Node-noop – Implements a noop function - willvarfar
https://github.com/euank/node-noop
======
ddebernardy
Isn't this typical of what you get when you have a language that's easy for
newcomers to pick up?

At one point it was PHP. Then it was Rails. Of late it's been Node. I'm sure
Windows users might have some old VB war stories. (Admittedly, I'm not sure
what to make of the Java StackOverflow tag, seeing that it's _also_ is a
sewers. Presumably school or Android related.)

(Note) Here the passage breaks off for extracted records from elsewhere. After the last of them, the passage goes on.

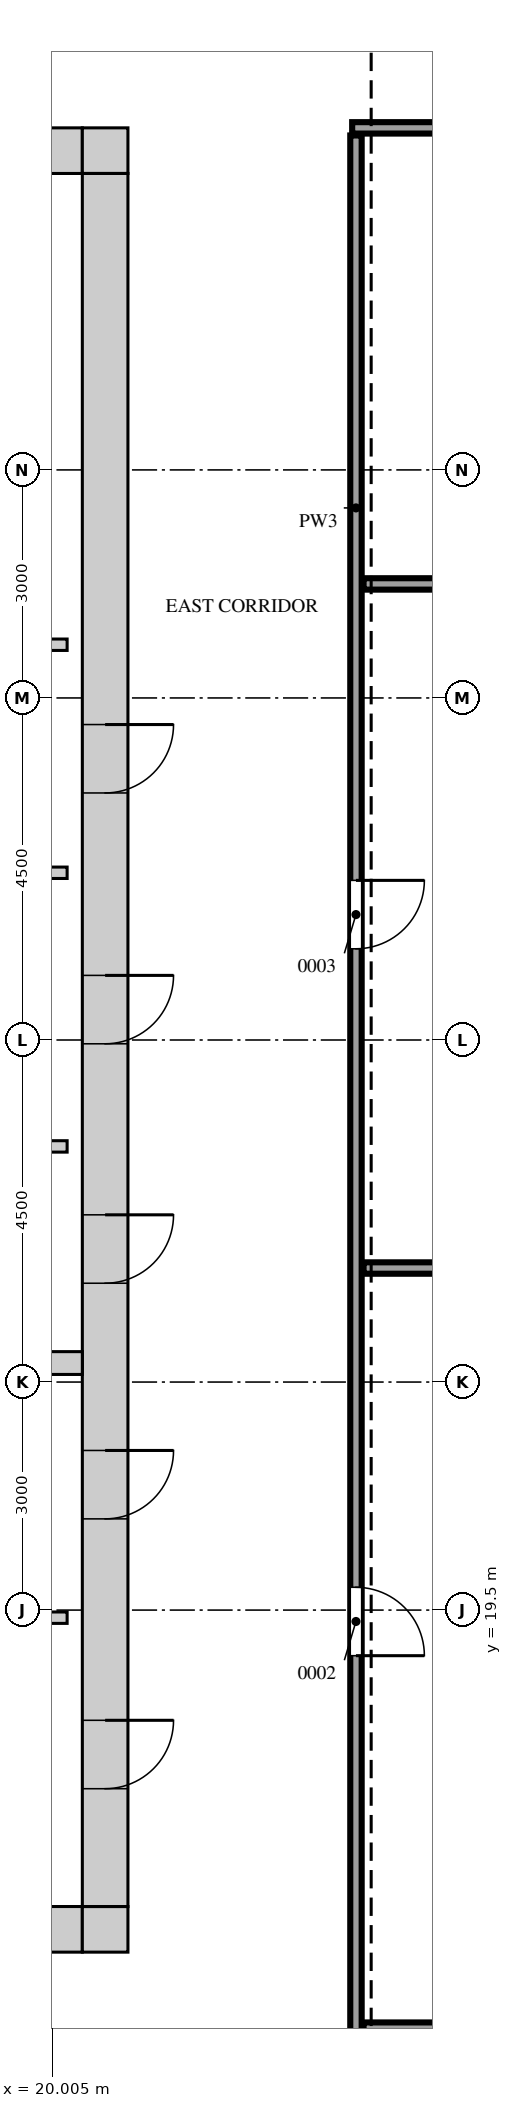
"""IFC4 building model, lengths in metres.
Left out: names, types, materials, properties, quantities, classifications, styles, units other than length and angle.
Written with IfcOpenShell. Run it as: python <this file> out.ifc"""

import sys

from ifc_helpers import new_model, si_unit, direction, frame, frame_2d, origin, place, context, subcontext, project, spatial, rectangle, extrude, source, transform, mapped, element, fill, save


model = new_model("IFC4")
c1 = context("Model", 3, precision=1e-05, world=origin(), true_north=direction((0.0, 1.0)))
c2 = subcontext(c1, "Body", "Model", "MODEL_VIEW")
j1 = project(units=[si_unit("LENGTHUNIT", "METRE"), si_unit("PLANEANGLEUNIT", "RADIAN")], contexts=[c1])
p1 = place(None, origin())
s1 = spatial("IfcSite", under=j1, at=p1, CompositionType="ELEMENT")
p2 = place(p1, origin())
s2 = spatial("IfcBuilding", under=s1, at=p2, CompositionType="ELEMENT")
p3 = place(p2, frame((0.0, 0.0, 334.7)))
s3 = spatial("IfcBuildingStorey", under=s2, at=p3, CompositionType="ELEMENT", Elevation=334.7)
m1 = source(origin(), c2, "Body", "SweptSolid", [
    extrude(rectangle(XDim=14.4, YDim=0.6, at=frame_2d((7.2, 0.0))), origin(), (0.0, 0.0, 1.0), 4.25),
])
p4 = place(p3, frame((6.0, 38.7, 0.0), z_axis=(0.0, 0.0, 1.0), x_axis=(1.0, 0.0, 0.0)))
e1 = element("IfcWall", 1, at=p4, inside=s3, PredefinedType="SHEAR", context=c2, shape_type="MappedRepresentation", body=[
    mapped(m1, transform((0.0, 0.0, 0.0))),
])
m2 = source(origin(), c2, "Body", "SweptSolid", [
    extrude(rectangle(XDim=0.9, YDim=2.1, at=frame_2d((0.45, 1.05))), frame((0.0, 0.31, 0.0), z_axis=(0.0, -1.0, 0.0), x_axis=(1.0, 0.0, 0.0)), (0.0, 0.0, 1.0), 0.62),
])
p5 = place(p4, frame((3.7, 0.0, 0.0)))
e2 = element("IfcOpeningElement", 2, at=p5, cuts=e1, PredefinedType="OPENING", context=c2, shape_type="MappedRepresentation", body=[
    mapped(m2, transform((0.0, 0.0, 0.0))),
])
p6 = place(p4, frame((10.4, 0.0, 0.0)))
e3 = element("IfcOpeningElement", 3, at=p6, cuts=e1, PredefinedType="OPENING", context=c2, shape_type="MappedRepresentation", body=[
    mapped(m2, transform((0.0, 0.0, 0.0))),
])
m3 = source(origin(), c2, "Body", "SweptSolid", [
    extrude(rectangle(XDim=0.6, YDim=0.6, at=frame_2d((0.3, 0.0))), origin(), (0.0, 0.0, 1.0), 4.25),
])
p7 = place(p3, frame((20.4, 38.7, 0.0), z_axis=(0.0, 0.0, 1.0), x_axis=(1.0, 0.0, 0.0)))
e4 = element("IfcWall", 4, at=p7, inside=s3, PredefinedType="SHEAR", context=c2, shape_type="MappedRepresentation", body=[
    mapped(m3, transform((0.0, 0.0, 0.0))),
])
p8 = place(p3, frame((6.0, 15.3, 0.0), z_axis=(0.0, 0.0, 1.0), x_axis=(1.0, 0.0, 0.0)))
e5 = element("IfcWall", 5, at=p8, inside=s3, PredefinedType="SHEAR", context=c2, shape_type="MappedRepresentation", body=[
    mapped(m1, transform((0.0, 0.0, 0.0))),
])
m4 = source(origin(), c2, "Body", "SweptSolid", [
    extrude(rectangle(XDim=1.2, YDim=2.1, at=frame_2d((0.6, 1.05))), frame((0.0, 0.31, 0.0), z_axis=(0.0, -1.0, 0.0), x_axis=(1.0, 0.0, 0.0)), (0.0, 0.0, 1.0), 0.62),
])
p9 = place(p8, frame((6.2, 0.0, 0.0)))
e6 = element("IfcOpeningElement", 6, at=p9, cuts=e5, PredefinedType="OPENING", context=c2, shape_type="MappedRepresentation", body=[
    mapped(m4, transform((0.0, 0.0, 0.0))),
])
p10 = place(p8, frame((2.85, 0.0, 0.0)))
e7 = element("IfcOpeningElement", 7, at=p10, cuts=e5, PredefinedType="OPENING", context=c2, shape_type="MappedRepresentation", body=[
    mapped(m4, transform((0.0, 0.0, 0.0))),
])
m5 = source(origin(), c2, "Body", "SweptSolid", [
    extrude(rectangle(XDim=1.0, YDim=2.1, at=frame_2d((0.5, 1.05))), frame((0.0, 0.31, 0.0), z_axis=(0.0, -1.0, 0.0), x_axis=(1.0, 0.0, 0.0)), (0.0, 0.0, 1.0), 0.62),
])
p11 = place(p8, frame((8.7, 0.0, 0.0)))
e8 = element("IfcOpeningElement", 8, at=p11, cuts=e5, PredefinedType="OPENING", context=c2, shape_type="MappedRepresentation", body=[
    mapped(m5, transform((0.0, 0.0, 0.0))),
])
p12 = place(p3, frame((20.4, 15.3, 0.0), z_axis=(0.0, 0.0, 1.0), x_axis=(1.0, 0.0, 0.0)))
e9 = element("IfcWall", 9, at=p12, inside=s3, PredefinedType="SHEAR", context=c2, shape_type="MappedRepresentation", body=[
    mapped(m3, transform((0.0, 0.0, 0.0))),
])
m6 = source(origin(), c2, "Body", "SweptSolid", [
    extrude(rectangle(XDim=22.8, YDim=0.6, at=frame_2d((11.4, 0.0))), origin(), (0.0, 0.0, 1.0), 4.25),
])
p13 = place(p3, frame((20.7, 15.6, 0.0), z_axis=(0.0, 0.0, 1.0), x_axis=(0.0, 1.0, 0.0)))
e10 = element("IfcWall", 10, at=p13, inside=s3, PredefinedType="SHEAR", context=c2, shape_type="MappedRepresentation", body=[
    mapped(m6, transform((0.0, 0.0, 0.0))),
])
p14 = place(p13, frame((8.2, 0.0, 0.0)))
e11 = element("IfcOpeningElement", 11, at=p14, cuts=e10, PredefinedType="OPENING", context=c2, shape_type="MappedRepresentation", body=[
    mapped(m2, transform((0.0, 0.0, 0.0))),
])
p15 = place(p13, frame((11.35, 0.0, 0.0)))
e12 = element("IfcOpeningElement", 12, at=p15, cuts=e10, PredefinedType="OPENING", context=c2, shape_type="MappedRepresentation", body=[
    mapped(m2, transform((0.0, 0.0, 0.0))),
])
p16 = place(p13, frame((14.65, 0.0, 0.0)))
e13 = element("IfcOpeningElement", 13, at=p16, cuts=e10, PredefinedType="OPENING", context=c2, shape_type="MappedRepresentation", body=[
    mapped(m2, transform((0.0, 0.0, 0.0))),
])
p17 = place(p13, frame((1.55, 0.0, 0.0)))
e14 = element("IfcOpeningElement", 14, at=p17, cuts=e10, PredefinedType="OPENING", context=c2, shape_type="MappedRepresentation", body=[
    mapped(m2, transform((0.0, 0.0, 0.0))),
])
p18 = place(p13, frame((5.1, 0.0, 0.0)))
e15 = element("IfcOpeningElement", 15, at=p18, cuts=e10, PredefinedType="OPENING", context=c2, shape_type="MappedRepresentation", body=[
    mapped(m2, transform((0.0, 0.0, 0.0))),
])
m7 = source(origin(), c2, "Body", "SweptSolid", [
    extrude(rectangle(XDim=13.2, YDim=0.3, at=frame_2d((6.6, 0.0))), origin(), (0.0, 0.0, 1.0), 4.25),
])
p19 = place(p3, frame((7.2, 22.75, 0.0), z_axis=(0.0, 0.0, 1.0), x_axis=(1.0, 0.0, 0.0)))
e16 = element("IfcWall", 16, at=p19, inside=s3, PredefinedType="STANDARD", context=c2, shape_type="MappedRepresentation", body=[
    mapped(m7, transform((0.0, 0.0, 0.0))),
])
m8 = source(origin(), c2, "Body", "SweptSolid", [
    extrude(rectangle(XDim=32.6, YDim=0.15, at=frame_2d((16.3, 0.0))), origin(), (0.0, 0.0, 1.0), 4.3),
])
p20 = place(p3, frame((24.0, 6.3, 0.0), z_axis=(0.0, 0.0, 1.0), x_axis=(0.0, 1.0, 0.0)))
e17 = element("IfcWall", 17, at=p20, inside=s3, PredefinedType="PARTITIONING", context=c2, shape_type="MappedRepresentation", body=[
    mapped(m8, transform((0.0, 0.0, 0.0))),
])
m9 = source(origin(), c2, "Body", "SweptSolid", [
    extrude(rectangle(XDim=0.9, YDim=2.1, at=frame_2d((0.45, 1.05))), frame((0.0, 0.085, 0.0), z_axis=(0.0, -1.0, 0.0), x_axis=(1.0, 0.0, 0.0)), (0.0, 0.0, 1.0), 0.17),
])
p21 = place(p20, frame((3.1, 0.0, 0.0)))
e18 = element("IfcOpeningElement", 18, at=p21, cuts=e17, PredefinedType="OPENING", context=c2, shape_type="MappedRepresentation", body=[
    mapped(m9, transform((0.0, 0.0, 0.0))),
])
p22 = place(p20, frame((12.6, 0.0, 0.0)))
e19 = element("IfcOpeningElement", 19, at=p22, cuts=e17, PredefinedType="OPENING", context=c2, shape_type="MappedRepresentation", body=[
    mapped(m9, transform((0.0, 0.0, 0.0))),
])
p23 = place(p20, frame((21.9, 0.0, 0.0)))
e20 = element("IfcOpeningElement", 20, at=p23, cuts=e17, PredefinedType="OPENING", context=c2, shape_type="MappedRepresentation", body=[
    mapped(m9, transform((0.0, 0.0, 0.0))),
])
m10 = source(origin(), c2, "Body", "SweptSolid", [
    extrude(rectangle(XDim=11.0, YDim=0.15, at=frame_2d((5.5, 0.0))), origin(), (0.0, 0.0, 1.0), 4.3),
])
p24 = place(p3, frame((24.1, 14.0, 0.0), z_axis=(0.0, 0.0, 1.0), x_axis=(1.0, 0.0, 0.0)))
e21 = element("IfcWall", 21, at=p24, inside=s3, PredefinedType="PARTITIONING", context=c2, shape_type="MappedRepresentation", body=[
    mapped(m10, transform((0.0, 0.0, 0.0))),
])
m11 = source(origin(), c2, "Body", "SweptSolid", [
    extrude(rectangle(XDim=4.1, YDim=0.15, at=frame_2d((2.05, 0.0))), origin(), (0.0, 0.0, 1.0), 4.3),
])
p25 = place(p3, frame((16.1, 19.4, 0.0), z_axis=(0.0, 0.0, 1.0), x_axis=(1.0, 0.0, 0.0)))
e22 = element("IfcWall", 22, at=p25, inside=s3, PredefinedType="PARTITIONING", context=c2, shape_type="MappedRepresentation", body=[
    mapped(m11, transform((0.0, 0.0, 0.0))),
])
p26 = place(p3, frame((24.1, 24.0, 0.0), z_axis=(0.0, 0.0, 1.0), x_axis=(1.0, 0.0, 0.0)))
e23 = element("IfcWall", 23, at=p26, inside=s3, PredefinedType="PARTITIONING", context=c2, shape_type="MappedRepresentation", body=[
    mapped(m10, transform((0.0, 0.0, 0.0))),
])
m12 = source(origin(), c2, "Body", "SweptSolid", [
    extrude(rectangle(XDim=13.4, YDim=0.15, at=frame_2d((6.7, 0.0))), origin(), (0.0, 0.0, 1.0), 4.3),
])
for number, where, z_axis, x_axis in (
    (24, (6.8, 25.6, 0.0), (0.0, 0.0, 1.0), (1.0, 0.0, 0.0)),
    (25, (6.8, 29.2, 0.0), (0.0, 0.0, 1.0), (1.0, 0.0, 0.0)),
    (26, (6.8, 32.2, 0.0), (0.0, 0.0, 1.0), (1.0, 0.0, 0.0)),
):
    element("IfcWall", number, at=place(p3, frame(where, z_axis=z_axis, x_axis=x_axis)), inside=s3, PredefinedType="PARTITIONING", context=c2, shape_type="MappedRepresentation", body=[
        mapped(m12, transform((0.0, 0.0, 0.0))),
    ])
p27 = place(p3, frame((24.1, 33.0, 0.0), z_axis=(0.0, 0.0, 1.0), x_axis=(1.0, 0.0, 0.0)))
e27 = element("IfcWall", 27, at=p27, inside=s3, PredefinedType="PARTITIONING", context=c2, shape_type="MappedRepresentation", body=[
    mapped(m10, transform((0.0, 0.0, 0.0))),
])
m13 = source(origin(), c2, "Body", "SweptSolid", [
    extrude(rectangle(XDim=11.15, YDim=0.15, at=frame_2d((5.575, 0.0))), origin(), (0.0, 0.0, 1.0), 4.3),
])
p28 = place(p3, frame((23.95, 39.0, 0.0), z_axis=(0.0, 0.0, 1.0), x_axis=(1.0, 0.0, 0.0)))
e28 = element("IfcWall", 28, at=p28, inside=s3, PredefinedType="PARTITIONING", context=c2, shape_type="MappedRepresentation", body=[
    mapped(m13, transform((0.0, 0.0, 0.0))),
])
p29 = place(p28, frame((2.95, 0.0, 0.0)))
e29 = element("IfcOpeningElement", 29, at=p29, cuts=e28, PredefinedType="OPENING", context=c2, shape_type="MappedRepresentation", body=[
    mapped(m9, transform((0.0, 0.0, 0.0))),
])
m14 = source(origin(), c2, "Body", "SweptSolid", [
    extrude(rectangle(XDim=0.9, YDim=2.1, at=frame_2d((0.45, 1.05))), frame((0.0, 0.25, 0.0), z_axis=(0.0, -1.0, 0.0), x_axis=(1.0, 0.0, 0.0)), (0.0, 0.0, 1.0), 0.5),
])
p30 = place(p14, origin())
e30 = element("IfcDoor", 30, at=p30, inside=s3, OperationType="SINGLE_SWING_RIGHT", PredefinedType="DOOR", context=c2, shape_type="MappedRepresentation", body=[
    mapped(m14, transform((0.0, 0.0, 0.0))),
])
fill(e11, e30)
p31 = place(p15, origin())
e31 = element("IfcDoor", 31, at=p31, inside=s3, OperationType="SINGLE_SWING_RIGHT", PredefinedType="DOOR", context=c2, shape_type="MappedRepresentation", body=[
    mapped(m14, transform((0.0, 0.0, 0.0))),
])
fill(e12, e31)
p32 = place(p16, origin())
e32 = element("IfcDoor", 32, at=p32, inside=s3, OperationType="SINGLE_SWING_RIGHT", PredefinedType="DOOR", context=c2, shape_type="MappedRepresentation", body=[
    mapped(m14, transform((0.0, 0.0, 0.0))),
])
fill(e13, e32)
m15 = source(origin(), c2, "Body", "SweptSolid", [
    extrude(rectangle(XDim=0.9, YDim=2.1, at=frame_2d((0.45, 1.05))), frame((0.0, 0.025, 0.0), z_axis=(0.0, -1.0, 0.0), x_axis=(1.0, 0.0, 0.0)), (0.0, 0.0, 1.0), 0.05),
])
p33 = place(p22, origin())
e33 = element("IfcDoor", 33, at=p33, inside=s3, OperationType="SINGLE_SWING_LEFT", PredefinedType="DOOR", context=c2, shape_type="MappedRepresentation", body=[
    mapped(m15, transform((0.0, 0.0, 0.0))),
])
fill(e19, e33)
p34 = place(p23, origin())
e34 = element("IfcDoor", 34, at=p34, inside=s3, OperationType="SINGLE_SWING_RIGHT", PredefinedType="DOOR", context=c2, shape_type="MappedRepresentation", body=[
    mapped(m15, transform((0.0, 0.0, 0.0))),
])
fill(e20, e34)
p35 = place(p17, origin())
e35 = element("IfcDoor", 35, at=p35, inside=s3, OperationType="SINGLE_SWING_RIGHT", PredefinedType="DOOR", context=c2, shape_type="MappedRepresentation", body=[
    mapped(m14, transform((0.0, 0.0, 0.0))),
])
fill(e14, e35)
p36 = place(p18, origin())
e36 = element("IfcDoor", 36, at=p36, inside=s3, OperationType="SINGLE_SWING_RIGHT", PredefinedType="DOOR", context=c2, shape_type="MappedRepresentation", body=[
    mapped(m14, transform((0.0, 0.0, 0.0))),
])
fill(e15, e36)
save(model, sys.argv[1])

Edit: good related reading:

[http://yosefk.com/blog/redundancy-vs-dependencies-which-
is-w...](http://yosefk.com/blog/redundancy-vs-dependencies-which-is-
worse.html)

> Redundancy sucks. Redundancy always means duplicated efforts, and sometimes
> interoperability problems. But dependencies are worse. The only reasonable
> thing to depend on is a full-fledged, real module, not an amorphous bunch of
> code. You can usually look at a problem and guess quite well if its solution
> has good chances to become a real module, with a real owner, with a stable
> interface making all its users happy enough. If these chances are low, pick
> redundancy. And estimate those chances conservatively, too. Redundancy is
> bad, but dependencies can actually paralyze you. I say – kill dependencies
> first.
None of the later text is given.